Capitol Alert

Alex Padilla unveils California voting overhaul bill

California Secretary of State Alex Padilla (center) announces a new bill he says will improve voter participation. He’s joined by, from left to right: Assemblywoman Lorena Gonzalez, Assemblyman Kevin McCarty, Sen. Ben Allen, and Assemblyman Sebastian Ridley-Thomas in Sacramento on Wednesday, June 10, 2015.
California Secretary of State Alex Padilla (center) announces a new bill he says will improve voter participation. He’s joined by, from left to right: Assemblywoman Lorena Gonzalez, Assemblyman Kevin McCarty, Sen. Ben Allen, and Assemblyman Sebastian Ridley-Thomas in Sacramento on Wednesday, June 10, 2015. The Sacramento Bee

Every California voter would be mailed a ballot that they could drop off at a new network of early voting centers under an ambitious election overhaul bill Secretary of State Alex Padilla announced on Wednesday.

Policymakers have been searching for ways to lift California’s low voter turnout rate, with the last election setting new records for non-engagement. Padilla ran on a platform of boosting turnout, which on Wednesday he called “a problem that cannot be ignored.”

Modeled on Colorado’s innovative election system, which Padilla made a recent journey to observe, Senate Bill 450 would have county election officials mail ballots to every registered voter (Padilla has a separate bill to register millions of registered Californians who pass through the Department of Motor Vehicles). Voters could then mail them in or drop them off at new kiosks that Padilla said would ideally be open beginning 10 days before elections, eight hours a day.

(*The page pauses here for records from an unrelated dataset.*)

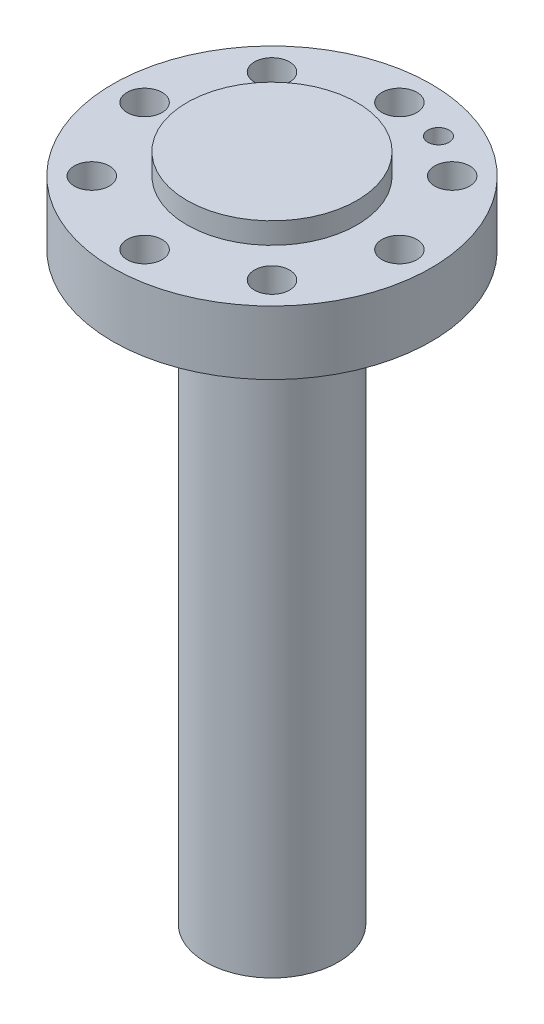
SolidWorks part; units mm, degrees
material "AL6061"
ref_plane "前视" through (0, 0, 0) normal (0, 0, 1) x (1, 0, 0)
ref_plane "上视" through (0, 0, 0) normal (0, 1, 0) x (1, 0, 0)
ref_plane "右视" through (0, 0, 0) normal (1, 0, 0) x (0, 0, -1)
sketch "草图1" plane through (0, 0, 0) normal (0, 1, 0) x (1, 0, 0)
  circle A0 centre (0, 0) radius 30
  dimension "D1" = 60
extrude "凸台-拉伸1" add sketch "草图1" along normal blind 122
sketch "草图2" plane through (0, 122, 0) normal (0, 1, 0) x (1, 0, 0)
  circle A0 centre (0, 0) radius 12.5
  dimension "D1" = 25
extrude "切除-拉伸1" cut sketch "草图2" against normal through all from offset 12 flip side to cut offset against normal yes
hole_wizard "M6 间隙孔1" positions "草图5" profile "草图6" hole size "M6" standard "ISO" end condition through all
sketch "草图5" plane through (0, 110, 0) normal (0, -1, 0) x (-1, 0, 0)
  line L0 (0, 0) -> (-24, 0) construction
  point P0 (-24, 0)
  point P7 (-16.9706, 16.9706)
  point P8 (0, 24)
  point P9 (16.9706, 16.9706)
  point P10 (24, 0)
  point P11 (16.9706, -16.9706)
  point P16 (0, -24)
  point P17 (-16.9706, -16.9706)
  dimension "D2" = 24
  dimension "D1" = 8
sketch "草图6" plane through (24, 110, 0) normal (1, 0, 0) x (0, 0, -1)
  line L0 (0, 0) -> (0, 12)
  line L1 (0, 12) -> (3.3, 12)
  line L2 (3.3, 12) -> (3.3, 0)
  line L5 (3.3, 0) -> (0, 0)
  line L11 (0, -6.35) -> (0, 107.95) construction
  dimension "通孔孔直径" = 6.6
  dimension "通孔孔深度" = 12
sketch "草图7" plane through (0, 122, 0) normal (0, 1, 0) x (1, 0, 0)
  circle A0 centre (0, 0) radius 16
  dimension "D1" = 32
extrude "凸台-拉伸3" add sketch "草图7" along normal blind 4
hole_wizard "大小mm 暗销孔0" positions "草图12" profile "草图13" hole size "Ø4.0" standard "GB" end condition through all
sketch "草图12" plane through (0, 110, 0) normal (0, -1, 0) x (-1, 0, 0)
  line L0 (0, 0) -> (-9.1844, 22.1731) construction
  line L1 (0, 0) -> (24, 0) construction
  circle A0 centre (0, 0) radius 24
  point P5 (-9.1844, 22.1731)
  dimension "D1" = 48
  dimension "D2" = 112.5
sketch "草图13" plane through (9.1844, 110, -22.1731) normal (1, 0, 0) x (0, 0, -1)
  line L0 (0, 0) -> (0, 16)
  line L1 (0, 16) -> (2, 16)
  line L2 (2, 16) -> (2, 0)
  line L5 (2, 0) -> (0, 0)
  line L11 (0, -6.35) -> (0, 107.95) construction
  dimension "通孔孔直径" = 4
  dimension "通孔孔深度" = 16
ref_plane "基准面1" through (15, 0, 0) normal (1, 0, 0) x (0, 0, -1)
hole_wizard "M6 螺纹孔1" positions "草图14" profile "草图15" tap size "M6" standard "GB"
sketch "草图14" plane through (0, 0, 0) normal (0, -1, 0) x (-1, 0, 0)
  point P0 (0, 0)
sketch "草图15" plane through (0, 0, 0) normal (1, 0, 0) x (0, 0, -1)
  line L0 (0, 0) -> (0, 16.5022)
  line L1 (0, 16.5022) -> (2.5, 15)
  line L2 (2.5, 15) -> (2.5, 0)
  line L5 (2.5, 0) -> (0, 0)
  line L10 (0, 16.5022) -> (-2.5, 15) construction
  line L11 (0, -6.35) -> (0, 107.95) construction
  dimension "螺纹孔钻头直径" = 5
  dimension "螺纹孔钻头深度" = 15
  dimension "导头角度" = 118
cosmetic thread "孔螺蚊线1" parameters "D1"=12, "D2"=6

Padilla and lawmakers argued that the current system of having citizens set aside time to wait in line on Election Day has become outdated. Sen. Ben Allen, who is carrying the bill, noted that more voters mailed their ballots than not in the previous election, which he called evidence that “the current model, with this one day of voting” is “just not working. It’s not maximizing voter participation.”

“We’ll probably never see another election in California where more voters go to the polls than vote by mail,” said Allen, D-Santa Monica. “This is about expanding options and convenience for voters.”

Counties would still need to agree to institute the new system. Local election officials have balked in the past at the price tag of new election projects. But Padilla argued that since many counties will soon need to replace obsolete election equipment regardless, SB 450 would offer an opportunity to rethink how they conduct elections.

“If we’re going to all be buying new systems,” said Padilla, “should we buy a brand new iPhone 2, or do we embrace technology that exists to invest in systems that have much more functionality, convenience and flexibility for voters?”